2)      Extubation should not be performed until the patient has demonstrated a clear ability to swallow

a)      Before extubating, insure that the upper airway is free of any gross materials that could be aspirated

i)                    be especially vigilant for debris or gauze left in oral cavity after dental procedures

b)      Avoid overly aggressive stimulation that might trigger initial swallowing, only to be followed by a relapse into unconsciousness when stimulation is removed

i)                    This is especially important when dealing with airway compromised patients including brachycephalic breeds

ii)                  sternal recumbancy may be the best position for recovery of brachycephalic breeds

3)      Continue to monitor the patient’s respiratory function, perfusion, and mental status after extubation to insure that the recovery is progressing in a stable manner

4)      Discuss agitated recovering patients with a doctor

a)      Dysphoria as well as pain can combine to produce agitation

i)                    First attempt to directly comfort your patient

ii)                  If necessary, consider repeating sedatives and/or analgesics as needed

iii)                 Remember that analgesics are best given before your patient demonstrates need

(1)   Have a planned drug, dose, and administration interval in place prior to the recovery of the patient

5)      Continue fluids post-operatively as directed by the supervising veterinarian

6)      Patients who are not on long term IV fluids should retain their catheter until they have been clearly stable for a minimum of 1 hour.

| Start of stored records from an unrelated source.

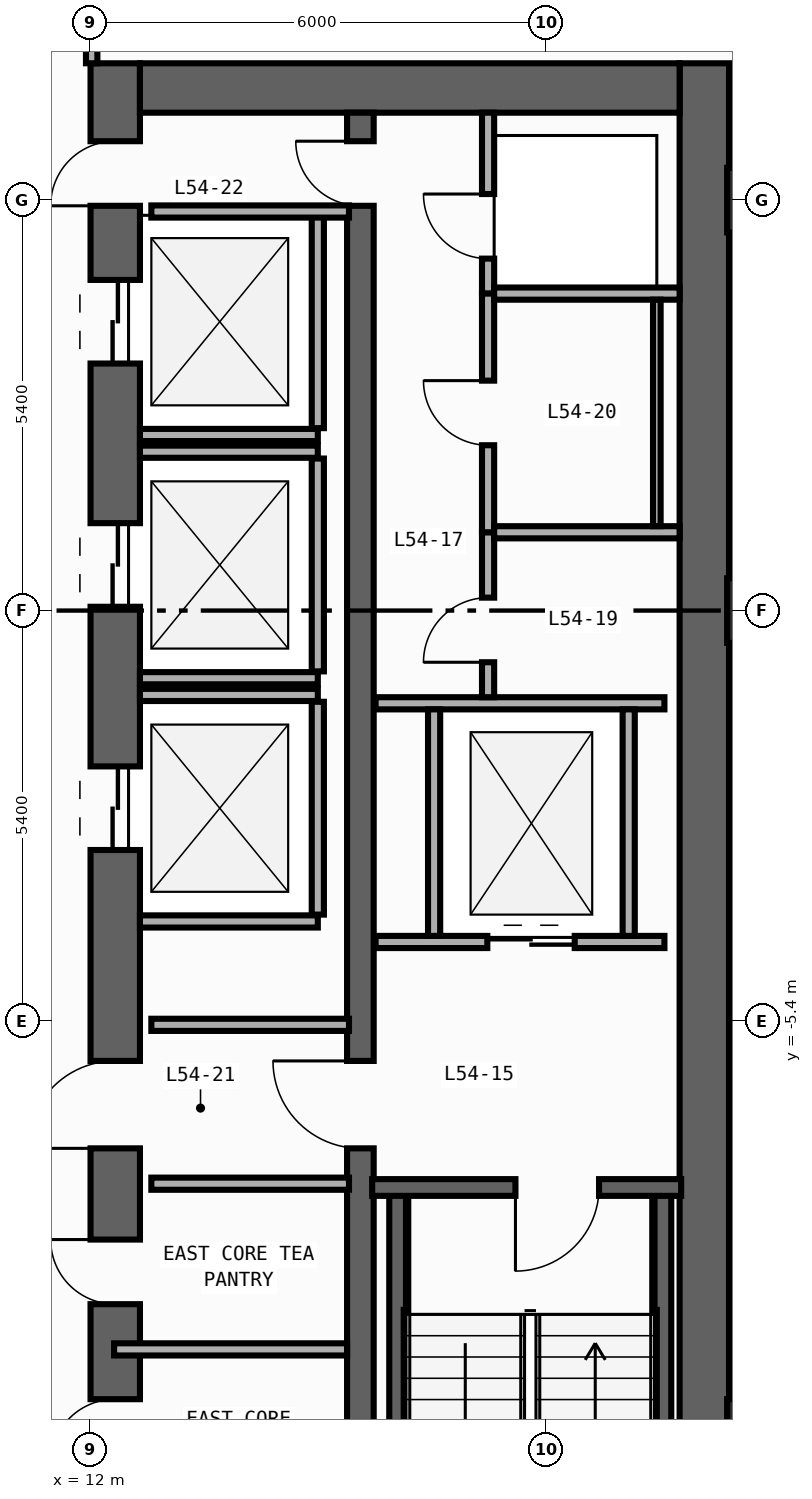
"""IFC4 building model, lengths in metres.
Left out: names, types, materials, properties, quantities, classifications, styles, units other than length and angle.
Written with IfcOpenShell. Run it as: python <this file> out.ifc"""

import sys

from ifc_helpers import new_model, si_unit, direction, frame, frame_2d, origin, origin_2d, place, context, subcontext, project, spatial, rectangle, extrude, element, fill, save


model = new_model("IFC4")
c1 = context("Model", 3, precision=1e-05, world=origin(), true_north=direction((0.0, 1.0)))
c2 = subcontext(c1, "Body", "Model", "MODEL_VIEW")
j1 = project(units=[si_unit("LENGTHUNIT", "METRE"), si_unit("PLANEANGLEUNIT", "RADIAN")], contexts=[c1])
p1 = place(None, origin())
s1 = spatial("IfcSite", under=j1, at=p1, CompositionType="ELEMENT")
p2 = place(p1, origin())
s2 = spatial("IfcBuilding", under=s1, at=p2, CompositionType="ELEMENT")
p3 = place(p2, frame((0.0, 0.0, 233.2)))
s3 = spatial("IfcBuildingStorey", under=s2, at=p3, CompositionType="ELEMENT", Elevation=233.2)
p4 = place(p3, frame((12.325, -19.8, 0.0), z_axis=(0.0, 0.0, 1.0), x_axis=(0.0, 1.0, 0.0)))
e1 = element("IfcWall", 1, at=p4, inside=s3, PredefinedType="SHEAR", context=c2, shape_type="SweptSolid", body=[
    extrude(rectangle(XDim=27.0, YDim=0.65, at=frame_2d((13.5, 0.0))), origin(), (0.0, 0.0, 1.0), 3.34),
])
p5 = place(p4, frame((23.05, 0.0, 0.0)))
e2 = element("IfcOpeningElement", 2, at=p5, cuts=e1, PredefinedType="OPENING", context=c2, shape_type="SweptSolid", body=[
    extrude(rectangle(XDim=1.1, YDim=2.2, at=frame_2d((0.55, 1.1))), frame((0.0, 0.335, 0.0), z_axis=(0.0, -1.0, 0.0), x_axis=(1.0, 0.0, 0.0)), (0.0, 0.0, 1.0), 0.67),
])
p6 = place(p4, frame((19.85, 0.0, 0.0)))
e3 = element("IfcOpeningElement", 3, at=p6, cuts=e1, PredefinedType="OPENING", context=c2, shape_type="SweptSolid", body=[
    extrude(rectangle(XDim=1.1, YDim=2.2, at=frame_2d((0.55, 1.1))), frame((0.0, 0.335, 0.0), z_axis=(0.0, -1.0, 0.0), x_axis=(1.0, 0.0, 0.0)), (0.0, 0.0, 1.0), 0.67),
])
p7 = place(p4, frame((16.65, 0.0, 0.0)))
e4 = element("IfcOpeningElement", 4, at=p7, cuts=e1, PredefinedType="OPENING", context=c2, shape_type="SweptSolid", body=[
    extrude(rectangle(XDim=1.1, YDim=2.2, at=frame_2d((0.55, 1.1))), frame((0.0, 0.335, 0.0), z_axis=(0.0, -1.0, 0.0), x_axis=(1.0, 0.0, 0.0)), (0.0, 0.0, 1.0), 0.67),
])
p8 = place(p4, frame((6.275, 0.0, 0.0)))
e5 = element("IfcOpeningElement", 5, at=p8, cuts=e1, PredefinedType="OPENING", context=c2, shape_type="SweptSolid", body=[
    extrude(rectangle(XDim=0.85, YDim=2.1, at=frame_2d((0.425, 1.05))), frame((0.0, 0.335, 0.0), z_axis=(0.0, -1.0, 0.0), x_axis=(1.0, 0.0, 0.0)), (0.0, 0.0, 1.0), 0.67),
])
p9 = place(p4, frame((8.575, 0.0, 0.0)))
e6 = element("IfcOpeningElement", 6, at=p9, cuts=e1, PredefinedType="OPENING", context=c2, shape_type="SweptSolid", body=[
    extrude(rectangle(XDim=0.85, YDim=2.1, at=frame_2d((0.425, 1.05))), frame((0.0, 0.335, 0.0), z_axis=(0.0, -1.0, 0.0), x_axis=(1.0, 0.0, 0.0)), (0.0, 0.0, 1.0), 0.67),
])
p10 = place(p4, frame((10.675, 0.0, 0.0)))
e7 = element("IfcOpeningElement", 7, at=p10, cuts=e1, PredefinedType="OPENING", context=c2, shape_type="SweptSolid", body=[
    extrude(rectangle(XDim=0.85, YDim=2.1, at=frame_2d((0.425, 1.05))), frame((0.0, 0.335, 0.0), z_axis=(0.0, -1.0, 0.0), x_axis=(1.0, 0.0, 0.0)), (0.0, 0.0, 1.0), 0.67),
])
p11 = place(p4, frame((12.725, 0.0, 0.0)))
e8 = element("IfcOpeningElement", 8, at=p11, cuts=e1, PredefinedType="OPENING", context=c2, shape_type="SweptSolid", body=[
    extrude(rectangle(XDim=1.15, YDim=2.2, at=frame_2d((0.575, 1.1))), frame((0.0, 0.335, 0.0), z_axis=(0.0, -1.0, 0.0), x_axis=(1.0, 0.0, 0.0)), (0.0, 0.0, 1.0), 0.67),
])
p12 = place(p4, frame((25.125, 0.0, 0.0)))
e9 = element("IfcOpeningElement", 9, at=p12, cuts=e1, PredefinedType="OPENING", context=c2, shape_type="SweptSolid", body=[
    extrude(rectangle(XDim=0.85, YDim=2.1, at=frame_2d((0.425, 1.05))), frame((0.0, 0.335, 0.0), z_axis=(0.0, -1.0, 0.0), x_axis=(1.0, 0.0, 0.0)), (0.0, 0.0, 1.0), 0.67),
])
p13 = place(p3, frame((20.075, -19.8, 0.0), z_axis=(0.0, 0.0, 1.0), x_axis=(0.0, 1.0, 0.0)))
e10 = element("IfcWall", 10, at=p13, inside=s3, PredefinedType="SHEAR", context=c2, shape_type="SweptSolid", body=[
    extrude(rectangle(XDim=27.0, YDim=0.65, at=frame_2d((13.5, 0.0))), origin(), (0.0, 0.0, 1.0), 3.34),
])
p14 = place(p3, frame((12.65, 6.875, 0.0), z_axis=(0.0, 0.0, 1.0), x_axis=(1.0, 0.0, 0.0)))
e11 = element("IfcWall", 11, at=p14, inside=s3, PredefinedType="SHEAR", context=c2, shape_type="SweptSolid", body=[
    extrude(rectangle(XDim=7.1, YDim=0.65, at=frame_2d((3.55, 0.0))), origin(), (0.0, 0.0, 1.0), 3.34),
])
p15 = place(p3, frame((15.55, -19.15, 0.0), z_axis=(0.0, 0.0, 1.0), x_axis=(0.0, 1.0, 0.0)))
e12 = element("IfcWall", 12, at=p15, inside=s3, PredefinedType="SHEAR", context=c2, shape_type="SweptSolid", body=[
    extrude(rectangle(XDim=25.7, YDim=0.35, at=frame_2d((12.85, 0.0))), origin(), (0.0, 0.0, 1.0), 3.34),
])
p16 = place(p15, frame((12.075, 0.0, 0.0)))
e13 = element("IfcOpeningElement", 13, at=p16, cuts=e12, PredefinedType="OPENING", context=c2, shape_type="SweptSolid", body=[
    extrude(rectangle(XDim=1.15, YDim=2.2, at=frame_2d((0.575, 1.1))), frame((0.0, 0.185, 0.0), z_axis=(0.0, -1.0, 0.0), x_axis=(1.0, 0.0, 0.0)), (0.0, 0.0, 1.0), 0.37),
])
p17 = place(p15, frame((24.475, 0.0, 0.0)))
e14 = element("IfcOpeningElement", 14, at=p17, cuts=e12, PredefinedType="OPENING", context=c2, shape_type="SweptSolid", body=[
    extrude(rectangle(XDim=0.85, YDim=2.1, at=frame_2d((0.425, 1.05))), frame((0.0, 0.185, 0.0), z_axis=(0.0, -1.0, 0.0), x_axis=(1.0, 0.0, 0.0)), (0.0, 0.0, 1.0), 0.37),
])
for number, where, z_axis, x_axis in (
    (15, (16.04, -19.01, 0.0), (0.0, 0.0, 1.0), (0.0, 1.0, 0.0)),
    (16, (19.53, -19.01, 0.0), (0.0, 0.0, 1.0), (0.0, 1.0, 0.0)),
):
    element("IfcWall", number, at=place(p3, frame(where, z_axis=z_axis, x_axis=x_axis)), inside=s3, PredefinedType="SHEAR", context=c2, shape_type="SweptSolid", body=[
        extrude(rectangle(XDim=11.42, YDim=0.22, at=frame_2d((5.71, 0.0))), origin(), (0.0, 0.0, 1.0), 3.34),
    ])
p18 = place(p3, frame((19.77, -7.59, 0.0), z_axis=(0.0, 0.0, 1.0), x_axis=(-1.0, 0.0, 0.0)))
e17 = element("IfcWall", 17, at=p18, inside=s3, PredefinedType="SHEAR", context=c2, shape_type="SweptSolid", body=[
    extrude(rectangle(XDim=4.065, YDim=0.22, at=frame_2d((2.032, 0.0))), origin(), (0.0, 0.0, 1.0), 3.34),
])
p19 = place(p18, frame((1.08, 0.0, 0.0)))
e18 = element("IfcOpeningElement", 18, at=p19, cuts=e17, PredefinedType="OPENING", context=c2, shape_type="SweptSolid", body=[
    extrude(rectangle(XDim=1.1, YDim=2.2, at=frame_2d((0.55, 1.1))), frame((0.0, 0.12, 0.0), z_axis=(0.0, -1.0, 0.0), x_axis=(1.0, 0.0, 0.0)), (0.0, 0.0, 1.0), 0.24),
])
for number, where, z_axis, x_axis in (
    (19, (20.8, -10.8, 0.0), (0.0, 0.0, 1.0), (1.0, 0.0, 0.0)),
    (20, (20.8, 0.0, 0.0), (0.0, 0.0, 1.0), (1.0, 0.0, 0.0)),
    (21, (20.8, 5.4, 0.0), (0.0, 0.0, 1.0), (1.0, 0.0, 0.0)),
):
    element("IfcColumn", number, at=place(p3, frame(where, z_axis=z_axis, x_axis=x_axis)), inside=s3, PredefinedType="COLUMN", context=c2, shape_type="SweptSolid", body=[
        extrude(rectangle(XDim=0.85, YDim=0.85, at=origin_2d()), origin(), (0.0, 0.0, 1.0), 3.6),
    ])
p20 = place(p3, frame((12.65, 2.31, 0.0), z_axis=(0.0, 0.0, 1.0), x_axis=(1.0, 0.0, 0.0)))
e22 = element("IfcWall", 22, at=p20, inside=s3, PredefinedType="STANDARD", context=c2, shape_type="SweptSolid", body=[
    extrude(rectangle(XDim=2.34, YDim=0.16, at=frame_2d((1.17, 0.0))), origin(), (0.0, 0.0, 1.0), 3.34),
])
p21 = place(p3, frame((14.99, 2.4, 0.0), z_axis=(0.0, 0.0, 1.0), x_axis=(0.0, 1.0, 0.0)))
e23 = element("IfcWall", 23, at=p21, inside=s3, PredefinedType="STANDARD", context=c2, shape_type="SweptSolid", body=[
    extrude(rectangle(XDim=2.8, YDim=0.16, at=frame_2d((1.4, 0.0))), origin(), (0.0, 0.0, 1.0), 3.34),
])
for number, where, z_axis, x_axis in (
    (24, (12.65, -0.89, 0.0), (0.0, 0.0, 1.0), (1.0, 0.0, 0.0)),
    (25, (12.65, 2.09, 0.0), (0.0, 0.0, 1.0), (1.0, 0.0, 0.0)),
):
    element("IfcWall", number, at=place(p3, frame(where, z_axis=z_axis, x_axis=x_axis)), inside=s3, PredefinedType="STANDARD", context=c2, shape_type="SweptSolid", body=[
        extrude(rectangle(XDim=2.34, YDim=0.16, at=frame_2d((1.17, 0.0))), origin(), (0.0, 0.0, 1.0), 3.34),
    ])
p22 = place(p3, frame((14.99, -0.8, 0.0), z_axis=(0.0, 0.0, 1.0), x_axis=(0.0, 1.0, 0.0)))
e26 = element("IfcWall", 26, at=p22, inside=s3, PredefinedType="STANDARD", context=c2, shape_type="SweptSolid", body=[
    extrude(rectangle(XDim=2.8, YDim=0.16, at=frame_2d((1.4, 0.0))), origin(), (0.0, 0.0, 1.0), 3.34),
])
for number, where, z_axis, x_axis in (
    (27, (12.65, -4.09, 0.0), (0.0, 0.0, 1.0), (1.0, 0.0, 0.0)),
    (28, (12.65, -1.11, 0.0), (0.0, 0.0, 1.0), (1.0, 0.0, 0.0)),
):
    element("IfcWall", number, at=place(p3, frame(where, z_axis=z_axis, x_axis=x_axis)), inside=s3, PredefinedType="STANDARD", context=c2, shape_type="SweptSolid", body=[
        extrude(rectangle(XDim=2.34, YDim=0.16, at=frame_2d((1.17, 0.0))), origin(), (0.0, 0.0, 1.0), 3.34),
    ])
p23 = place(p3, frame((14.99, -4.0, 0.0), z_axis=(0.0, 0.0, 1.0), x_axis=(0.0, 1.0, 0.0)))
e29 = element("IfcWall", 29, at=p23, inside=s3, PredefinedType="STANDARD", context=c2, shape_type="SweptSolid", body=[
    extrude(rectangle(XDim=2.8, YDim=0.16, at=frame_2d((1.4, 0.0))), origin(), (0.0, 0.0, 1.0), 3.34),
])
p24 = place(p3, frame((15.75, -4.36, 0.0), z_axis=(0.0, 0.0, 1.0), x_axis=(1.0, 0.0, 0.0)))
e30 = element("IfcWall", 30, at=p24, inside=s3, PredefinedType="STANDARD", context=c2, shape_type="SweptSolid", body=[
    extrude(rectangle(XDim=3.8, YDim=0.16, at=frame_2d((1.9, 0.0))), origin(), (0.0, 0.0, 1.0), 3.34),
])
p25 = place(p24, frame((1.47, 0.0, 0.0)))
e31 = element("IfcOpeningElement", 31, at=p25, cuts=e30, PredefinedType="OPENING", context=c2, shape_type="SweptSolid", body=[
    extrude(rectangle(XDim=1.15, YDim=2.2, at=frame_2d((0.575, 1.1))), frame((0.0, 0.09, 0.0), z_axis=(0.0, -1.0, 0.0), x_axis=(1.0, 0.0, 0.0)), (0.0, 0.0, 1.0), 0.18),
])
p26 = place(p3, frame((15.75, -1.22, 0.0), z_axis=(0.0, 0.0, 1.0), x_axis=(1.0, 0.0, 0.0)))
e32 = element("IfcWall", 32, at=p26, inside=s3, PredefinedType="STANDARD", context=c2, shape_type="SweptSolid", body=[
    extrude(rectangle(XDim=3.8, YDim=0.16, at=frame_2d((1.9, 0.0))), origin(), (0.0, 0.0, 1.0), 3.34),
])
for number, where, z_axis, x_axis in (
    (33, (16.52, -4.28, 0.0), (0.0, 0.0, 1.0), (0.0, 1.0, 0.0)),
    (34, (19.08, -4.28, 0.0), (0.0, 0.0, 1.0), (0.0, 1.0, 0.0)),
):
    element("IfcWall", number, at=place(p3, frame(where, z_axis=z_axis, x_axis=x_axis)), inside=s3, PredefinedType="STANDARD", context=c2, shape_type="SweptSolid", body=[
        extrude(rectangle(XDim=2.98, YDim=0.16, at=frame_2d((1.49, 0.0))), origin(), (0.0, 0.0, 1.0), 3.34),
    ])
for number, where, z_axis, x_axis in (
    (35, (12.8, -5.45, 0.0), (0.0, 0.0, 1.0), (1.0, 0.0, 0.0)),
    (36, (12.8, -7.54, 0.0), (0.0, 0.0, 1.0), (1.0, 0.0, 0.0)),
    (37, (12.8, 5.25, 0.0), (0.0, 0.0, 1.0), (1.0, 0.0, 0.0)),
):
    element("IfcWall", number, at=place(p3, frame(where, z_axis=z_axis, x_axis=x_axis)), inside=s3, PredefinedType="STANDARD", context=c2, shape_type="SweptSolid", body=[
        extrude(rectangle(XDim=2.6, YDim=0.16, at=frame_2d((1.3, 0.0))), origin(), (0.0, 0.0, 1.0), 3.34),
    ])
p27 = place(p3, frame((17.23, 4.17, 0.0), z_axis=(0.0, 0.0, 1.0), x_axis=(0.0, 1.0, 0.0)))
e38 = element("IfcWall", 38, at=p27, inside=s3, PredefinedType="PARTITIONING", context=c2, shape_type="SweptSolid", body=[
    extrude(rectangle(XDim=2.38, YDim=0.16, at=frame_2d((1.19, 0.0))), origin(), (0.0, 0.0, 1.0), 3.34),
])
p28 = place(p27, frame((0.46, 0.0, 0.0)))
e39 = element("IfcOpeningElement", 39, at=p28, cuts=e38, PredefinedType="OPENING", context=c2, shape_type="SweptSolid", body=[
    extrude(rectangle(XDim=0.85, YDim=2.1, at=frame_2d((0.425, 1.05))), frame((0.0, 0.09, 0.0), z_axis=(0.0, -1.0, 0.0), x_axis=(1.0, 0.0, 0.0)), (0.0, 0.0, 1.0), 0.18),
])
p29 = place(p3, frame((17.23, -1.14, 0.0), z_axis=(0.0, 0.0, 1.0), x_axis=(0.0, 1.0, 0.0)))
e40 = element("IfcWall", 40, at=p29, inside=s3, PredefinedType="PARTITIONING", context=c2, shape_type="SweptSolid", body=[
    extrude(rectangle(XDim=2.17, YDim=0.16, at=frame_2d((1.085, 0.0))), origin(), (0.0, 0.0, 1.0), 3.34),
])
p30 = place(p29, frame((0.46, 0.0, 0.0)))
e41 = element("IfcOpeningElement", 41, at=p30, cuts=e40, PredefinedType="OPENING", context=c2, shape_type="SweptSolid", body=[
    extrude(rectangle(XDim=0.85, YDim=2.1, at=frame_2d((0.425, 1.05))), frame((0.0, 0.09, 0.0), z_axis=(0.0, -1.0, 0.0), x_axis=(1.0, 0.0, 0.0)), (0.0, 0.0, 1.0), 0.18),
])
p31 = place(p3, frame((17.23, 1.03, 0.0), z_axis=(0.0, 0.0, 1.0), x_axis=(0.0, 1.0, 0.0)))
e42 = element("IfcWall", 42, at=p31, inside=s3, PredefinedType="PARTITIONING", context=c2, shape_type="SweptSolid", body=[
    extrude(rectangle(XDim=3.14, YDim=0.16, at=frame_2d((1.57, 0.0))), origin(), (0.0, 0.0, 1.0), 3.34),
])
p32 = place(p31, frame((1.145, 0.0, 0.0)))
e43 = element("IfcOpeningElement", 43, at=p32, cuts=e42, PredefinedType="OPENING", context=c2, shape_type="SweptSolid", body=[
    extrude(rectangle(XDim=0.85, YDim=2.1, at=frame_2d((0.425, 1.05))), frame((0.0, 0.09, 0.0), z_axis=(0.0, -1.0, 0.0), x_axis=(1.0, 0.0, 0.0)), (0.0, 0.0, 1.0), 0.18),
])
for number, where, z_axis, x_axis in (
    (44, (17.31, 4.17, 0.0), (0.0, 0.0, 1.0), (1.0, 0.0, 0.0)),
    (45, (17.31, 1.03, 0.0), (0.0, 0.0, 1.0), (1.0, 0.0, 0.0)),
):
    element("IfcWall", number, at=place(p3, frame(where, z_axis=z_axis, x_axis=x_axis)), inside=s3, PredefinedType="PARTITIONING", context=c2, shape_type="SweptSolid", body=[
        extrude(rectangle(XDim=2.44, YDim=0.16, at=frame_2d((1.22, 0.0))), origin(), (0.0, 0.0, 1.0), 3.34),
    ])
p33 = place(p3, frame((12.31, -9.72, 0.0), z_axis=(0.0, 0.0, 1.0), x_axis=(1.0, 0.0, 0.0)))
e46 = element("IfcWall", 46, at=p33, inside=s3, PredefinedType="PARTITIONING", context=c2, shape_type="SweptSolid", body=[
    extrude(rectangle(XDim=3.065, YDim=0.16, at=frame_2d((1.532, 0.0))), origin(), (0.0, 0.0, 1.0), 3.34),
])
p34 = place(p3, frame((12.015, 7.2, 0.0), z_axis=(0.0, 0.0, 1.0), x_axis=(0.0, 1.0, 0.0)))
e47 = element("IfcWall", 47, at=p34, inside=s3, PredefinedType="PARTITIONING", context=c2, shape_type="SweptSolid", body=[
    extrude(rectangle(XDim=6.52, YDim=0.15, at=frame_2d((3.26, 0.0))), origin(), (0.0, 0.0, 1.0), 3.34),
])
p35 = place(p34, frame((0.67, 0.0, 0.0)))
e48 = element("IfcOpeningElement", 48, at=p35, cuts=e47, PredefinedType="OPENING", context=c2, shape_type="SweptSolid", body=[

7)      Administer and record the dose and timing of all post-anesthetic medications as directed by a staff veterinarian

8)      Postanesthetic recovery notes are an essential component to the anesthetic record.  Please do not fail to record this valuable information.

9)      For pediatric patients, offering food within 2 or 3 hours of recovery is recommended to help minimize hypoglycemic risk.

10)  Home care following an anesthetic procedure is a final recovery consideration. Anesthetic events can make a patient somewhat nauseous.

a)      Patients should be allowed to settled in at home for at least 1 hours before offering water.

i)                    Initially water should be offer in limited amounts until it is clear that the patient will not vomit after drinking and that they are not interested in “guzzling” large amounts of water.

b)      If the patient has been home for at least 2 hours, has not vomited at all, and is exhibiting some interest in food, they can be offered a small meal

i)                    The meal should not exceed 25% of their normal meal size.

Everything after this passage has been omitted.